<私の経験から…(その1)>
 私は、学生時代から体だけはじょうぶでした。今はそのことを両親に感謝しています。そういう健康な体を授けてくれて、ありがとう・・・って。でも、私は病気になりました。この病気、「うつ」は、心の病気でした。いまだ脳医学のなかでも「たぶん、こうだから、こうなったんだろう」という程度しか、この医学が進んだ日本でも原因やその病気のしくみについては、はっきりとわかっていないといわれています。どの本を読んでも「~といわれています」という表現で終わっています。それでも最近になって薬だけは、副作用の少ないものは開発されてきたようで、「これこれを、すすめます」という書き方で見つけることはできます。

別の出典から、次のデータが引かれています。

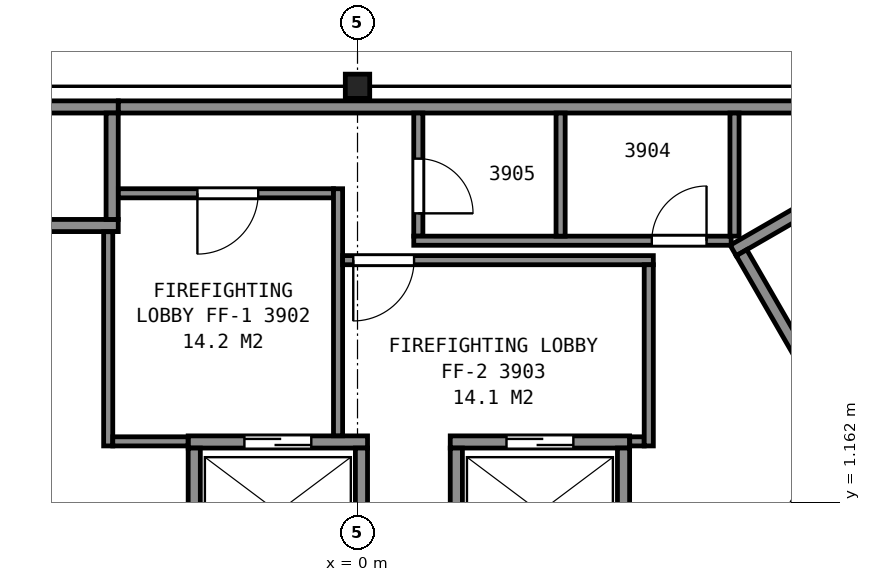
"""IFC4 building model, lengths in metres.
Left out: names, types, materials, properties, quantities, classifications, styles, units other than length and angle.
Written with IfcOpenShell. Run it as: python <this file> out.ifc"""

import sys

from ifc_helpers import new_model, si_unit, direction, frame, frame_2d, origin, origin_2d, place, context, subcontext, project, spatial, rectangle, i_section, extrude, element, fill, save


model = new_model("IFC4")
c1 = context("Model", 3, precision=1e-05, world=origin(), true_north=direction((0.0, 1.0)))
c2 = subcontext(c1, "Body", "Model", "MODEL_VIEW")
j1 = project(units=[si_unit("LENGTHUNIT", "METRE"), si_unit("PLANEANGLEUNIT", "RADIAN")], contexts=[c1])
p1 = place(None, origin())
s1 = spatial("IfcSite", under=j1, at=p1, CompositionType="ELEMENT")
p2 = place(p1, origin())
s2 = spatial("IfcBuilding", under=s1, at=p2, CompositionType="ELEMENT")
p3 = place(p2, frame((0.0, 0.0, 159.9)))
s3 = spatial("IfcBuildingStorey", under=s2, at=p3, CompositionType="ELEMENT", Elevation=159.9)
p4 = place(p3, frame((0.0, 8.0, 0.0), z_axis=(0.0, 0.0, 1.0), x_axis=(1.0, 0.0, 0.0)))
e1 = element("IfcColumn", 1, at=p4, inside=s3, PredefinedType="COLUMN", context=c2, shape_type="SweptSolid", body=[
    extrude(i_section(OverallWidth=0.401, OverallDepth=0.399, WebThickness=0.025, FlangeThickness=0.04, FilletRadius=0.015, at=origin_2d()), origin(), (0.0, 0.0, 1.0), 3.7),
])
p5 = place(p3, frame((6.178, 5.299, 0.0), z_axis=(0.0, 0.0, 1.0), x_axis=(0.866019993635, 0.500009370536, 0.0)))
e2 = element("IfcWall", 2, at=p5, inside=s3, PredefinedType="PARTITIONING", context=c2, shape_type="SweptSolid", body=[
    extrude(rectangle(XDim=9.6, YDim=0.2, at=frame_2d((4.8, 0.0))), origin(), (0.0, 0.0, 1.0), 3.45),
])
p6 = place(p3, frame((7.715, 2.838, 0.0), z_axis=(0.0, 0.0, 1.0), x_axis=(-0.500049511043, 0.865996816683, 0.0)))
e3 = element("IfcWall", 3, at=p6, inside=s3, PredefinedType="PARTITIONING", context=c2, shape_type="SweptSolid", body=[
    extrude(rectangle(XDim=2.8, YDim=0.2, at=frame_2d((1.4, 0.0))), origin(), (0.0, 0.0, 1.0), 3.45),
])
p7 = place(p3, frame((-2.785, 2.15, 0.0), z_axis=(0.0, 0.0, 1.0), x_axis=(1.0, 0.0, 0.0)))
e4 = element("IfcWall", 4, at=p7, inside=s3, PredefinedType="PARTITIONING", context=c2, shape_type="SweptSolid", body=[
    extrude(rectangle(XDim=2.95, YDim=0.2, at=frame_2d((1.475, 0.0))), origin(), (0.0, 0.0, 1.0), 3.7),
])
p8 = place(p7, frame((0.925, 0.0, 0.0)))
e5 = element("IfcOpeningElement", 5, at=p8, cuts=e4, PredefinedType="OPENING", context=c2, shape_type="SweptSolid", body=[
    extrude(rectangle(XDim=1.1, YDim=2.1, at=frame_2d((0.55, 1.05))), frame((0.0, 0.11, 0.0), z_axis=(0.0, -1.0, 0.0), x_axis=(1.0, 0.0, 0.0)), (0.0, 0.0, 1.0), 0.22),
])
p9 = place(p3, frame((1.525, 2.15, 0.0), z_axis=(0.0, 0.0, 1.0), x_axis=(1.0, 0.0, 0.0)))
e6 = element("IfcWall", 6, at=p9, inside=s3, PredefinedType="PARTITIONING", context=c2, shape_type="SweptSolid", body=[
    extrude(rectangle(XDim=2.95, YDim=0.2, at=frame_2d((1.475, 0.0))), origin(), (0.0, 0.0, 1.0), 3.7),
])
p10 = place(p9, frame((0.925, 0.0, 0.0)))
e7 = element("IfcOpeningElement", 7, at=p10, cuts=e6, PredefinedType="OPENING", context=c2, shape_type="SweptSolid", body=[
    extrude(rectangle(XDim=1.1, YDim=2.1, at=frame_2d((0.55, 1.05))), frame((0.0, 0.11, 0.0), z_axis=(0.0, -1.0, 0.0), x_axis=(1.0, 0.0, 0.0)), (0.0, 0.0, 1.0), 0.22),
])
for number, where, z_axis, x_axis in (
    (8, (-6.285, 5.71, 0.0), (0.0, 0.0, 1.0), (1.0, 0.0, 0.0)),
    (9, (-6.285, 7.66, 0.0), (0.0, 0.0, 1.0), (1.0, 0.0, 0.0)),
):
    element("IfcWall", number, at=place(p3, frame(where, z_axis=z_axis, x_axis=x_axis)), inside=s3, PredefinedType="PARTITIONING", context=c2, shape_type="SweptSolid", body=[
        extrude(rectangle(XDim=2.35, YDim=0.2, at=frame_2d((1.175, 0.0))), origin(), (0.0, 0.0, 1.0), 3.7),
    ])
p11 = place(p3, frame((5.663, -1.612, 0.0), z_axis=(0.0, 0.0, 1.0), x_axis=(0.49998122708, 0.866036242063, 0.0)))
e10 = element("IfcWall", 10, at=p11, inside=s3, PredefinedType="PARTITIONING", context=c2, shape_type="SweptSolid", body=[
    extrude(rectangle(XDim=4.9, YDim=0.2, at=frame_2d((2.45, 0.0))), origin(), (0.0, 0.0, 1.0), 3.7),
])
for number, where, z_axis, x_axis in (
    (11, (4.375, 0.1, 0.0), (0.0, 0.0, 1.0), (0.0, 1.0, 0.0)),
    (12, (1.625, 0.1, 0.0), (0.0, 0.0, 1.0), (0.0, 1.0, 0.0)),
    (13, (0.065, 0.1, 0.0), (0.0, 0.0, 1.0), (0.0, 1.0, 0.0)),
    (14, (-2.685, 0.1, 0.0), (0.0, 0.0, 1.0), (0.0, 1.0, 0.0)),
):
    element("IfcWall", number, at=place(p3, frame(where, z_axis=z_axis, x_axis=x_axis)), inside=s3, PredefinedType="PARTITIONING", context=c2, shape_type="SweptSolid", body=[
        extrude(rectangle(XDim=1.95, YDim=0.2, at=frame_2d((0.975, 0.0))), origin(), (0.0, 0.0, 1.0), 3.7),
    ])
p12 = place(p3, frame((-4.035, 5.81, 0.0), z_axis=(0.0, 0.0, 1.0), x_axis=(0.0, 1.0, 0.0)))
e15 = element("IfcWall", 15, at=p12, inside=s3, PredefinedType="PARTITIONING", context=c2, shape_type="SweptSolid", body=[
    extrude(rectangle(XDim=1.75, YDim=0.2, at=frame_2d((0.875, 0.0))), origin(), (0.0, 0.0, 1.0), 3.7),
])
p13 = place(p3, frame((-4.1, 2.085, 0.0), z_axis=(0.0, 0.0, 1.0), x_axis=(0.0, 1.0, 0.0)))
e16 = element("IfcWall", 16, at=p13, inside=s3, PredefinedType="PARTITIONING", context=c2, shape_type="SweptSolid", body=[
    extrude(rectangle(XDim=3.523, YDim=0.15, at=frame_2d((1.761, 0.0))), origin(), (0.0, 0.0, 1.0), 3.45),
])
p14 = place(p3, frame((-4.025, 2.16, 0.0), z_axis=(0.0, 0.0, 1.0), x_axis=(1.0, 0.0, 0.0)))
e17 = element("IfcWall", 17, at=p14, inside=s3, PredefinedType="PARTITIONING", context=c2, shape_type="SweptSolid", body=[
    extrude(rectangle(XDim=1.238, YDim=0.15, at=frame_2d((0.619, 0.0))), origin(), (0.0, 0.0, 1.0), 3.45),
])
p15 = place(p3, frame((-3.933, 6.24, 0.0), z_axis=(0.0, 0.0, 1.0), x_axis=(1.0, 0.0, 0.0)))
e18 = element("IfcWall", 18, at=p15, inside=s3, PredefinedType="PARTITIONING", context=c2, shape_type="SweptSolid", body=[
    extrude(rectangle(XDim=3.538, YDim=0.15, at=frame_2d((1.769, 0.0))), origin(), (0.0, 0.0, 1.0), 3.45),
])
p16 = place(p15, frame((1.3, 0.0, 0.0)))
e19 = element("IfcOpeningElement", 19, at=p16, cuts=e18, PredefinedType="OPENING", context=c2, shape_type="SweptSolid", body=[
    extrude(rectangle(XDim=1.0, YDim=2.1, at=frame_2d((0.5, 1.05))), frame((0.0, 0.085, 0.0), z_axis=(0.0, -1.0, 0.0), x_axis=(1.0, 0.0, 0.0)), (0.0, 0.0, 1.0), 0.17),
])
p17 = place(p3, frame((-3.933, 7.66, 0.0), z_axis=(0.0, 0.0, 1.0), x_axis=(1.0, 0.0, 0.0)))
e20 = element("IfcWall", 20, at=p17, inside=s3, PredefinedType="PARTITIONING", context=c2, shape_type="SweptSolid", body=[
    extrude(rectangle(XDim=13.841, YDim=0.2, at=frame_2d((6.92, 0.0))), origin(), (0.0, 0.0, 1.0), 3.45),
])
p18 = place(p3, frame((-0.32, 2.252, 0.0), z_axis=(0.0, 0.0, 1.0), x_axis=(0.0, 1.0, 0.0)))
e21 = element("IfcWall", 21, at=p18, inside=s3, PredefinedType="PARTITIONING", context=c2, shape_type="SweptSolid", body=[
    extrude(rectangle(XDim=4.063, YDim=0.15, at=frame_2d((2.031, 0.0))), origin(), (0.0, 0.0, 1.0), 3.45),
])
p19 = place(p3, frame((-0.245, 5.14, 0.0), z_axis=(0.0, 0.0, 1.0), x_axis=(1.0, 0.0, 0.0)))
e22 = element("IfcWall", 22, at=p19, inside=s3, PredefinedType="PARTITIONING", context=c2, shape_type="SweptSolid", body=[
    extrude(rectangle(XDim=5.11, YDim=0.15, at=frame_2d((2.555, 0.0))), origin(), (0.0, 0.0, 1.0), 3.45),
])
p20 = place(p19, frame((0.175, 0.0, 0.0)))
e23 = element("IfcOpeningElement", 23, at=p20, cuts=e22, PredefinedType="OPENING", context=c2, shape_type="SweptSolid", body=[
    extrude(rectangle(XDim=1.0, YDim=2.1, at=frame_2d((0.5, 1.05))), frame((0.0, 0.085, 0.0), z_axis=(0.0, -1.0, 0.0), x_axis=(1.0, 0.0, 0.0)), (0.0, 0.0, 1.0), 0.17),
])
p21 = place(p3, frame((1.0, 7.56, 0.0), z_axis=(0.0, 0.0, 1.0), x_axis=(0.0, -1.0, 0.0)))
e24 = element("IfcWall", 24, at=p21, inside=s3, PredefinedType="PARTITIONING", context=c2, shape_type="SweptSolid", body=[
    extrude(rectangle(XDim=2.025, YDim=0.15, at=frame_2d((1.013, 0.0))), origin(), (0.0, 0.0, 1.0), 3.45),
])
p22 = place(p21, frame((0.75, 0.0, 0.0)))
e25 = element("IfcOpeningElement", 25, at=p22, cuts=e24, PredefinedType="OPENING", context=c2, shape_type="SweptSolid", body=[
    extrude(rectangle(XDim=0.9, YDim=2.1, at=frame_2d((0.45, 1.05))), frame((0.0, 0.085, 0.0), z_axis=(0.0, -1.0, 0.0), x_axis=(1.0, 0.0, 0.0)), (0.0, 0.0, 1.0), 0.17),
])
p23 = place(p3, frame((0.925, 5.46, 0.0), z_axis=(0.0, 0.0, 1.0), x_axis=(1.0, 0.0, 0.0)))
e26 = element("IfcWall", 26, at=p23, inside=s3, PredefinedType="PARTITIONING", context=c2, shape_type="SweptSolid", body=[
    extrude(rectangle(XDim=5.22, YDim=0.15, at=frame_2d((2.61, 0.0))), origin(), (0.0, 0.0, 1.0), 3.45),
])
p24 = place(p23, frame((3.915, 0.0, 0.0)))
e27 = element("IfcOpeningElement", 27, at=p24, cuts=e26, PredefinedType="OPENING", context=c2, shape_type="SweptSolid", body=[
    extrude(rectangle(XDim=0.9, YDim=2.1, at=frame_2d((0.45, 1.05))), frame((0.0, 0.085, 0.0), z_axis=(0.0, -1.0, 0.0), x_axis=(1.0, 0.0, 0.0)), (0.0, 0.0, 1.0), 0.17),
])
p25 = place(p3, frame((3.34, 5.535, 0.0), z_axis=(0.0, 0.0, 1.0), x_axis=(0.0, 1.0, 0.0)))
e28 = element("IfcWall", 28, at=p25, inside=s3, PredefinedType="PARTITIONING", context=c2, shape_type="SweptSolid", body=[
    extrude(rectangle(XDim=2.025, YDim=0.15, at=frame_2d((1.013, 0.0))), origin(), (0.0, 0.0, 1.0), 3.45),
])
p26 = place(p3, frame((4.477, 2.16, 0.0), z_axis=(0.0, 0.0, 1.0), x_axis=(1.0, 0.0, 0.0)))
e29 = element("IfcWall", 29, at=p26, inside=s3, PredefinedType="PARTITIONING", context=c2, shape_type="SweptSolid", body=[
    extrude(rectangle(XDim=0.238, YDim=0.15, at=frame_2d((0.119, 0.0))), origin(), (0.0, 0.0, 1.0), 3.45),
])
p27 = place(p3, frame((4.79, 2.085, 0.0), z_axis=(0.0, 0.0, 1.0), x_axis=(0.0, 1.0, 0.0)))
e30 = element("IfcWall", 30, at=p27, inside=s3, PredefinedType="PARTITIONING", context=c2, shape_type="SweptSolid", body=[
    extrude(rectangle(XDim=2.98, YDim=0.15, at=frame_2d((1.49, 0.0))), origin(), (0.0, 0.0, 1.0), 3.45),
])
p28 = place(p3, frame((6.2, 5.535, 0.0), z_axis=(0.0, 0.0, 1.0), x_axis=(0.0, 1.0, 0.0)))
e31 = element("IfcWall", 31, at=p28, inside=s3, PredefinedType="PARTITIONING", context=c2, shape_type="SweptSolid", body=[
    extrude(rectangle(XDim=2.025, YDim=0.15, at=frame_2d((1.013, 0.0))), origin(), (0.0, 0.0, 1.0), 3.45),
])
p29 = place(p3, frame((-4.675, -12.706, 0.0), z_axis=(0.0, 0.0, 1.0), x_axis=(-0.499972470324, 0.866041297467, 0.0)))
e32 = element("IfcWall", 32, at=p29, inside=s3, PredefinedType="PARTITIONING", context=c2, shape_type="SweptSolid", body=[
    extrude(rectangle(XDim=17.385, YDim=0.2, at=frame_2d((8.692, 0.0))), origin(), (0.0, 0.0, 1.0), 2.713),
])
p30 = place(p29, frame((15.435, 0.0, 0.0)))
e33 = element("IfcOpeningElement", 33, at=p30, cuts=e32, PredefinedType="OPENING", context=c2, shape_type="SweptSolid", body=[
    extrude(rectangle(XDim=0.9, YDim=2.1, at=frame_2d((0.45, 1.05))), frame((0.0, 0.11, 0.0), z_axis=(0.0, -1.0, 0.0), x_axis=(1.0, 0.0, 0.0)), (0.0, 0.0, 1.0), 0.22),
])
p31 = place(p29, frame((12.835, 0.0, 0.0)))
e34 = element("IfcOpeningElement", 34, at=p31, cuts=e32, PredefinedType="OPENING", context=c2, shape_type="SweptSolid", body=[
    extrude(rectangle(XDim=0.9, YDim=2.1, at=frame_2d((0.45, 1.05))), frame((0.0, 0.11, 0.0), z_axis=(0.0, -1.0, 0.0), x_axis=(1.0, 0.0, 0.0)), (0.0, 0.0, 1.0), 0.22),
])
p32 = place(p29, frame((6.941, 0.0, 0.0)))
e35 = element("IfcOpeningElement", 35, at=p32, cuts=e32, PredefinedType="OPENING", context=c2, shape_type="SweptSolid", body=[
    extrude(rectangle(XDim=0.9, YDim=2.1, at=frame_2d((0.45, 1.05))), frame((0.0, 0.11, 0.0), z_axis=(0.0, -1.0, 0.0), x_axis=(1.0, 0.0, 0.0)), (0.0, 0.0, 1.0), 0.22),
])
p33 = place(p29, frame((2.028, 0.0, 0.0)))
e36 = element("IfcOpeningElement", 36, at=p33, cuts=e32, PredefinedType="OPENING", context=c2, shape_type="SweptSolid", body=[
    extrude(rectangle(XDim=0.9, YDim=2.1, at=frame_2d((0.45, 1.05))), frame((0.0, 0.11, 0.0), z_axis=(0.0, -1.0, 0.0), x_axis=(1.0, 0.0, 0.0)), (0.0, 0.0, 1.0), 0.22),
])
p34 = place(p3, frame((13.342, 2.306, 0.0), z_axis=(0.0, 0.0, 1.0), x_axis=(-0.49997635812, -0.866039053, 0.0)))
e37 = element("IfcWall", 37, at=p34, inside=s3, PredefinedType="PARTITIONING", context=c2, shape_type="SweptSolid", body=[
    extrude(rectangle(XDim=17.285, YDim=0.1, at=frame_2d((8.643, 0.0))), origin(), (0.0, 0.0, 1.0), 2.713),
])
p35 = place(p34, frame((15.585, 0.0, 0.0)))
e38 = element("IfcOpeningElement", 38, at=p35, cuts=e37, PredefinedType="OPENING", context=c2, shape_type="SweptSolid", body=[
    extrude(rectangle(XDim=0.9, YDim=2.1, at=frame_2d((0.45, 1.05))), frame((0.0, 0.06, 0.0), z_axis=(0.0, -1.0, 0.0), x_axis=(1.0, 0.0, 0.0)), (0.0, 0.0, 1.0), 0.12),
])
p36 = place(p34, frame((11.595, 0.0, 0.0)))
e39 = element("IfcOpeningElement", 39, at=p36, cuts=e37, PredefinedType="OPENING", context=c2, shape_type="SweptSolid", body=[
    extrude(rectangle(XDim=0.9, YDim=2.1, at=frame_2d((0.45, 1.05))), frame((0.0, 0.06, 0.0), z_axis=(0.0, -1.0, 0.0), x_axis=(1.0, 0.0, 0.0)), (0.0, 0.0, 1.0), 0.12),
])
p37 = place(p34, frame((6.171, 0.0, 0.0)))
e40 = element("IfcOpeningElement", 40, at=p37, cuts=e37, PredefinedType="OPENING", context=c2, shape_type="SweptSolid", body=[
    extrude(rectangle(XDim=0.9, YDim=2.1, at=frame_2d((0.45, 1.05))), frame((0.0, 0.06, 0.0), z_axis=(0.0, -1.0, 0.0), x_axis=(1.0, 0.0, 0.0)), (0.0, 0.0, 1.0), 0.12),
])
p38 = place(p8, origin())
e41 = element("IfcDoor", 41, at=p38, inside=s3, OperationType="SLIDING_TO_LEFT", PredefinedType="DOOR", context=c2, shape_type="SweptSolid", body=[
    extrude(rectangle(XDim=1.1, YDim=2.1, at=frame_2d((0.55, 1.05))), frame((0.0, 0.025, 0.0), z_axis=(0.0, -1.0, 0.0), x_axis=(1.0, 0.0, 0.0)), (0.0, 0.0, 1.0), 0.05),
])
fill(e5, e41)
p39 = place(p10, origin())
e42 = element("IfcDoor", 42, at=p39, inside=s3, OperationType="SLIDING_TO_RIGHT", PredefinedType="DOOR", context=c2, shape_type="SweptSolid", body=[
    extrude(rectangle(XDim=1.1, YDim=2.1, at=frame_2d((0.55, 1.05))), frame((0.0, 0.025, 0.0), z_axis=(0.0, -1.0, 0.0), x_axis=(1.0, 0.0, 0.0)), (0.0, 0.0, 1.0), 0.05),
])
fill(e7, e42)
p40 = place(p16, origin())
e43 = element("IfcDoor", 43, at=p40, inside=s3, OperationType="SINGLE_SWING_LEFT", PredefinedType="DOOR", context=c2, shape_type="SweptSolid", body=[
    extrude(rectangle(XDim=1.0, YDim=2.1, at=frame_2d((0.5, 1.05))), frame((0.0, 0.025, 0.0), z_axis=(0.0, -1.0, 0.0), x_axis=(1.0, 0.0, 0.0)), (0.0, 0.0, 1.0), 0.05),
])
fill(e19, e43)
p41 = place(p20, origin())
e44 = element("IfcDoor", 44, at=p41, inside=s3, OperationType="SINGLE_SWING_LEFT", PredefinedType="DOOR", context=c2, shape_type="SweptSolid", body=[
    extrude(rectangle(XDim=1.0, YDim=2.1, at=frame_2d((0.5, 1.05))), frame((0.0, 0.025, 0.0), z_axis=(0.0, -1.0, 0.0), x_axis=(1.0, 0.0, 0.0)), (0.0, 0.0, 1.0), 0.05),
])
fill(e23, e44)
p42 = place(p22, origin())
e45 = element("IfcDoor", 45, at=p42, inside=s3, OperationType="SINGLE_SWING_RIGHT", PredefinedType="DOOR", context=c2, shape_type="SweptSolid", body=[
    extrude(rectangle(XDim=0.9, YDim=2.1, at=frame_2d((0.45, 1.05))), frame((0.0, 0.025, 0.0), z_axis=(0.0, -1.0, 0.0), x_axis=(1.0, 0.0, 0.0)), (0.0, 0.0, 1.0), 0.05),
])
fill(e25, e45)
p43 = place(p24, origin())
e46 = element("IfcDoor", 46, at=p43, inside=s3, OperationType="SINGLE_SWING_RIGHT", PredefinedType="DOOR", context=c2, shape_type="SweptSolid", body=[
    extrude(rectangle(XDim=0.9, YDim=2.1, at=frame_2d((0.45, 1.05))), frame((0.0, 0.025, 0.0), z_axis=(0.0, -1.0, 0.0), x_axis=(1.0, 0.0, 0.0)), (0.0, 0.0, 1.0), 0.05),
])
fill(e27, e46)
save(model, sys.argv[1])

そういう病気です。そのことを私自身、病気になってすぐに本を読んだりしましたが、そのことの本当の意味をわかるようになったのは、つい最近のことです。塾をやりだして、元気もでてきてからのことです。そういう病気です。
 
私がこうして自分の病気のことについて語るのは、もしも身近に「うつ」の人がいたら少しでもわかってあげたい、「私もいっしょですよ」って言って、「自分だけが変だ!」と考えがちなこの病気の人に「あなただけじゃないよ!」って言いたいからです。『自分を「うつ」と言いたがる人』という精神科医の先生の本も読みました。私は、そうして宣言して楽になりたいと思っているのかと・・・そう思ったからです。そう思った時期も正直ありました。でも、それは、違いました。
私の場合「うつ状態」になると、なんにも意欲がなくなりました。この「私の場合」というのも大切なことだと思っています。人によってその症状や様子、重さはちがうと思うからです。私の場合は、病院へ行く車の運転さえ自分でしたくない・・・そういう状態でした。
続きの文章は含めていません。